The latest versions of the Raspberry Robin malware have become more secretive and use exploits for recent 1-day bugs that are used against vulnerable systems.
According to experts Check Pointhackers actively use 1-day vulnerabilities in their attacks, that is, problems that have already been fixed by developers, but for some reason these fixes have not yet been deployed to all clients, or not all users have installed them
Raspberry Robin operators have used at least two exploits for 1-day vulnerabilities recently, and analysts believe that the malware operators either have the ability to create their own exploits or have sources that provide them.
Recall that Raspberry Robin is a dropper with the functionality of a worm. It primarily spreads through removable storage devices, including USB flash drives, to gain a foothold on infected systems and make it easier for hackers to deploy additional payloads. Previously, he was associated with such groups as FIN11, Evil Corp and Clop.

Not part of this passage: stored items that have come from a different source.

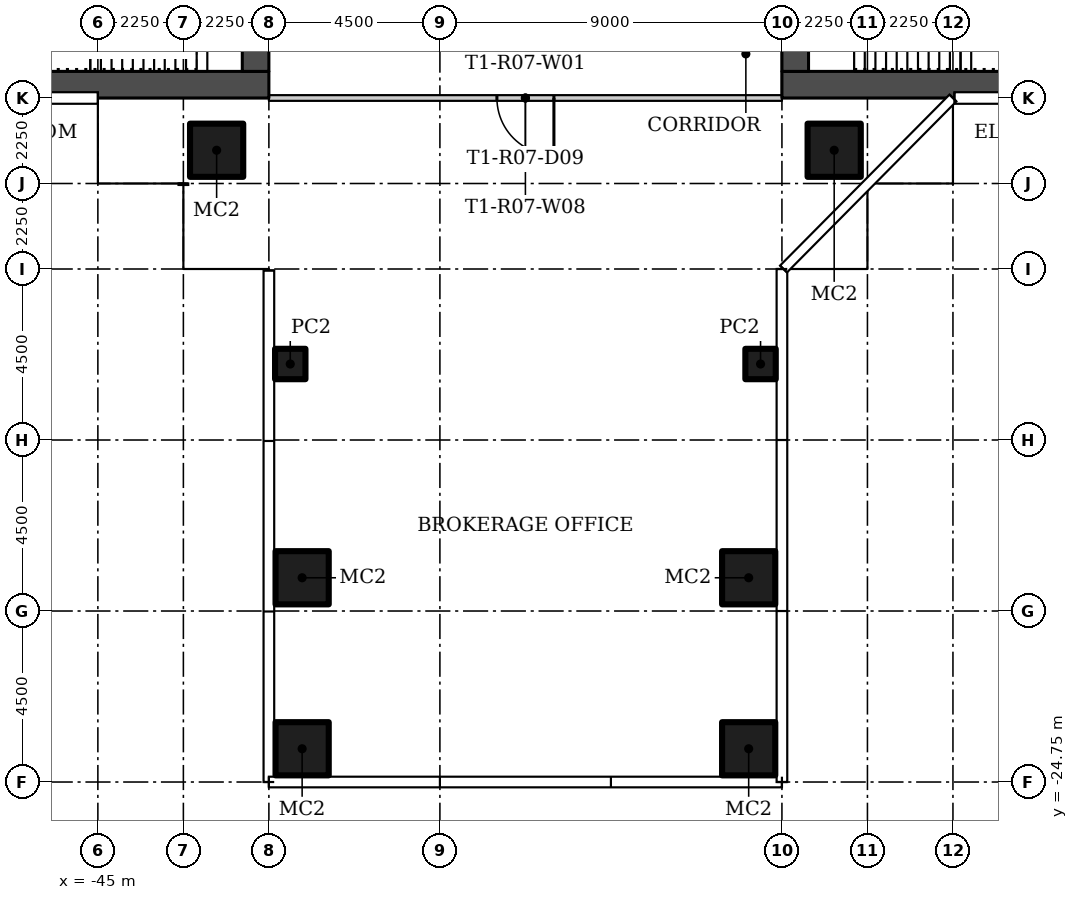
"""IFC4 building model, lengths in metres.
Left out: names, types, materials, properties, quantities, classifications, styles, units other than length and angle.
Written with IfcOpenShell. Run it as: python <this file> out.ifc"""

import sys

from ifc_helpers import new_model, si_unit, direction, frame, frame_2d, origin, origin_2d, place, context, subcontext, project, spatial, rectangle, hollow_rectangle, extrude, element, fill, save


model = new_model("IFC4")
c1 = context("Model", 3, precision=1e-05, world=origin(), true_north=direction((0.0, 1.0)))
c2 = subcontext(c1, "Body", "Model", "MODEL_VIEW")
j1 = project(units=[si_unit("LENGTHUNIT", "METRE"), si_unit("PLANEANGLEUNIT", "RADIAN")], contexts=[c1])
p1 = place(None, origin())
s1 = spatial("IfcSite", under=j1, at=p1, CompositionType="ELEMENT")
p2 = place(p1, origin())
s2 = spatial("IfcBuilding", under=s1, at=p2, CompositionType="ELEMENT")
p3 = place(p2, frame((0.0, 0.0, 73.2)))
s3 = spatial("IfcBuildingStorey", under=s2, at=p3, CompositionType="ELEMENT", Elevation=73.2)
for number, where in (
    (1, (-25.625, -8.125, 0.0)),
    (2, (-41.875, -8.125, 0.0)),
):
    element("IfcColumn", number, at=place(p3, frame(where)), inside=s3, PredefinedType="COLUMN", context=c2, shape_type="SweptSolid", body=[
        extrude(hollow_rectangle(XDim=1.4, YDim=1.4, WallThickness=0.05, at=origin_2d()), origin(), (0.0, 0.0, 1.0), 3.45),
    ])
p4 = place(p3, frame((-39.938, -13.75, 0.0)))
e3 = element("IfcColumn", 3, at=p4, inside=s3, PredefinedType="COLUMN", context=c2, shape_type="SweptSolid", body=[
    extrude(hollow_rectangle(XDim=0.8, YDim=0.8, WallThickness=0.025, at=origin_2d()), origin(), (0.0, 0.0, 1.0), 3.45),
])
for number, where in (
    (4, (-39.625, -19.375, 0.0)),
    (5, (-39.625, -23.875, 0.0)),
):
    element("IfcColumn", number, at=place(p3, frame(where)), inside=s3, PredefinedType="COLUMN", context=c2, shape_type="SweptSolid", body=[
        extrude(hollow_rectangle(XDim=1.4, YDim=1.4, WallThickness=0.05, at=origin_2d()), origin(), (0.0, 0.0, 1.0), 3.45),
    ])
p5 = place(p3, frame((-27.562, -13.75, 0.0)))
e6 = element("IfcColumn", 6, at=p5, inside=s3, PredefinedType="COLUMN", context=c2, shape_type="SweptSolid", body=[
    extrude(hollow_rectangle(XDim=0.8, YDim=0.8, WallThickness=0.025, at=origin_2d()), origin(), (0.0, 0.0, 1.0), 3.45),
])
for number, where in (
    (7, (-27.875, -19.375, 0.0)),
    (8, (-27.875, -23.875, 0.0)),
):
    element("IfcColumn", number, at=place(p3, frame(where)), inside=s3, PredefinedType="COLUMN", context=c2, shape_type="SweptSolid", body=[
        extrude(hollow_rectangle(XDim=1.4, YDim=1.4, WallThickness=0.05, at=origin_2d()), origin(), (0.0, 0.0, 1.0), 3.45),
    ])
p6 = place(p3, frame((-27.0, -6.75, 0.0), z_axis=(0.0, 0.0, 1.0), x_axis=(-1.0, 0.0, 0.0)))
e9 = element("IfcWall", 9, at=p6, inside=s3, PredefinedType="PARTITIONING", context=c2, shape_type="SweptSolid", body=[
    extrude(rectangle(XDim=13.5, YDim=0.15, at=frame_2d((6.75, 0.0))), origin(), (0.0, 0.0, 1.0), 3.45),
])
p7 = place(p6, frame((6.0, 0.0, 0.0)))
e10 = element("IfcOpeningElement", 10, at=p7, cuts=e9, PredefinedType="OPENING", context=c2, shape_type="SweptSolid", body=[
    extrude(rectangle(XDim=1.5, YDim=2.1, at=frame_2d((0.75, 1.05))), frame((0.0, 0.085, 0.0), z_axis=(0.0, -1.0, 0.0), x_axis=(1.0, 0.0, 0.0)), (0.0, 0.0, 1.0), 0.17),
])
p8 = place(p3, frame((-27.0, -6.4, 0.0)))
e11 = element("IfcWall", 11, at=p8, inside=s3, PredefinedType="SHEAR", context=c2, shape_type="SweptSolid", body=[
    extrude(rectangle(XDim=13.5, YDim=0.7, at=frame_2d((6.75, 0.0))), origin(), (0.0, 0.0, 1.0), 3.45),
])
p9 = place(p3, frame((-26.65, 6.05, 0.0), z_axis=(0.0, 0.0, 1.0), x_axis=(0.0, -1.0, 0.0)))
e12 = element("IfcWall", 12, at=p9, inside=s3, PredefinedType="SHEAR", context=c2, shape_type="SweptSolid", body=[
    extrude(rectangle(XDim=12.1, YDim=0.7, at=frame_2d((6.05, 0.0))), origin(), (0.0, 0.0, 1.0), 3.45),
])
p10 = place(p9, frame((3.9, 0.0, 0.0)))
e13 = element("IfcOpeningElement", 13, at=p10, cuts=e12, PredefinedType="OPENING", context=c2, shape_type="SweptSolid", body=[
    extrude(rectangle(XDim=1.8, YDim=2.4, at=frame_2d((0.9, 1.2))), frame((0.0, 0.36, 0.0), z_axis=(0.0, -1.0, 0.0), x_axis=(1.0, 0.0, 0.0)), (0.0, 0.0, 1.0), 0.72),
])
p11 = place(p3, frame((-40.5, -6.4, 0.0), z_axis=(0.0, 0.0, 1.0), x_axis=(-1.0, 0.0, 0.0)))
e14 = element("IfcWall", 14, at=p11, inside=s3, PredefinedType="SHEAR", context=c2, shape_type="SweptSolid", body=[
    extrude(rectangle(XDim=13.5, YDim=0.7, at=frame_2d((6.75, 0.0))), origin(), (0.0, 0.0, 1.0), 3.45),
])
p12 = place(p3, frame((-40.85, -6.05, 0.0), z_axis=(0.0, 0.0, 1.0), x_axis=(0.0, 1.0, 0.0)))
e15 = element("IfcWall", 15, at=p12, inside=s3, PredefinedType="SHEAR", context=c2, shape_type="SweptSolid", body=[
    extrude(rectangle(XDim=12.1, YDim=0.7, at=frame_2d((6.05, 0.0))), origin(), (0.0, 0.0, 1.0), 3.45),
])
p13 = place(p12, frame((6.4, 0.0, 0.0)))
e16 = element("IfcOpeningElement", 16, at=p13, cuts=e15, PredefinedType="OPENING", context=c2, shape_type="SweptSolid", body=[
    extrude(rectangle(XDim=1.8, YDim=2.4, at=frame_2d((0.9, 1.2))), frame((0.0, 0.36, 0.0), z_axis=(0.0, -1.0, 0.0), x_axis=(1.0, 0.0, 0.0)), (0.0, 0.0, 1.0), 0.72),
])
p14 = place(p7, origin())
e17 = element("IfcDoor", 17, at=p14, inside=s3, OperationType="DOUBLE_DOOR_SINGLE_SWING", PredefinedType="DOOR", context=c2, shape_type="SweptSolid", body=[
    extrude(rectangle(XDim=1.5, YDim=2.1, at=frame_2d((0.75, 1.05))), frame((0.0, 0.025, 0.0), z_axis=(0.0, -1.0, 0.0), x_axis=(1.0, 0.0, 0.0)), (0.0, 0.0, 1.0), 0.05),
])
fill(e10, e17)
save(model, sys.argv[1])

Raspberry Robin is constantly evolving and acquiring new features, detection evasion techniques, and distribution methods. For example, it has previously been seen to use fake payloads to confuse researchers.
According to Check Point, Raspberry Robin activity has increased since October 2023, with large-scale attacks affecting systems around the world.
A notable change in recent campaigns has been the use of Discord to deliver malicious archived files to targets, likely after sending phishing links via email. Such archives contain a signed executable file (OleView.exe) and a malicious DLL file (aclui.dll), which is loaded when the executable file is launched, thereby activating the Raspberry Robin on the system.
When Raspberry Robin is first launched on a victim's computer, it automatically attempts to escalate privileges using various 1-day exploits. For example, Raspberry Robin uses exploits for local privilege escalation vulnerabilities in Microsoft Streaming Service Proxy and Windows TPM Device Driver (CVE-2023-36802 and CVE-2023-29360).
It is noted that in both cases, the malware exploited vulnerabilities using exploits unknown at that time, less than a month after the public disclosure of information about these problems (June 13 and September 12, 2023).
At the same time, according to analysts Cyfirmaan exploit for CVE-2023-36802 that allows privilege escalation to SYSTEM, has been available for purchase on the dark web since February 2023, seven months before Microsoft fixed the issue.
All this suggests that Raspberry Robin operators buy 1-day exploits from third-party suppliers almost immediately after they become available (because the cost of 0-day exploits is too high). Check Point reports that this theory is supported by the fact that the Raspberry Robin exploits were deployed as external 64-bit executables and did not have the heavy obfuscation that is typical of such malware.
The researchers conclude that Raspberry Robin will likely continue to add new exploits to its arsenal that are not yet publicly available.
The researchers' report also notes a number of improvements implemented in the latest variants of Raspberry Robin, including new mechanisms for anti-analysis, detection evasion and lateral movement.
For example, to bypass OS security and protection, the malware attempts to terminate certain UAC-related processes, including runlegacycplelevated.exe, and also makes changes to the NtTraceEvent API to bypass Event Tracing for Windows (ETW) detection.
Additionally, Raspberry Robin now checks if certain APIs (GetUserDefaultLangID and GetModuleHandleW) are enabled to detect security monitoring. And to hide the addresses of the command and control servers, the malware first randomly contacts one of 60 hard-coded Tor domains of known sites to make its first communications appear harmless.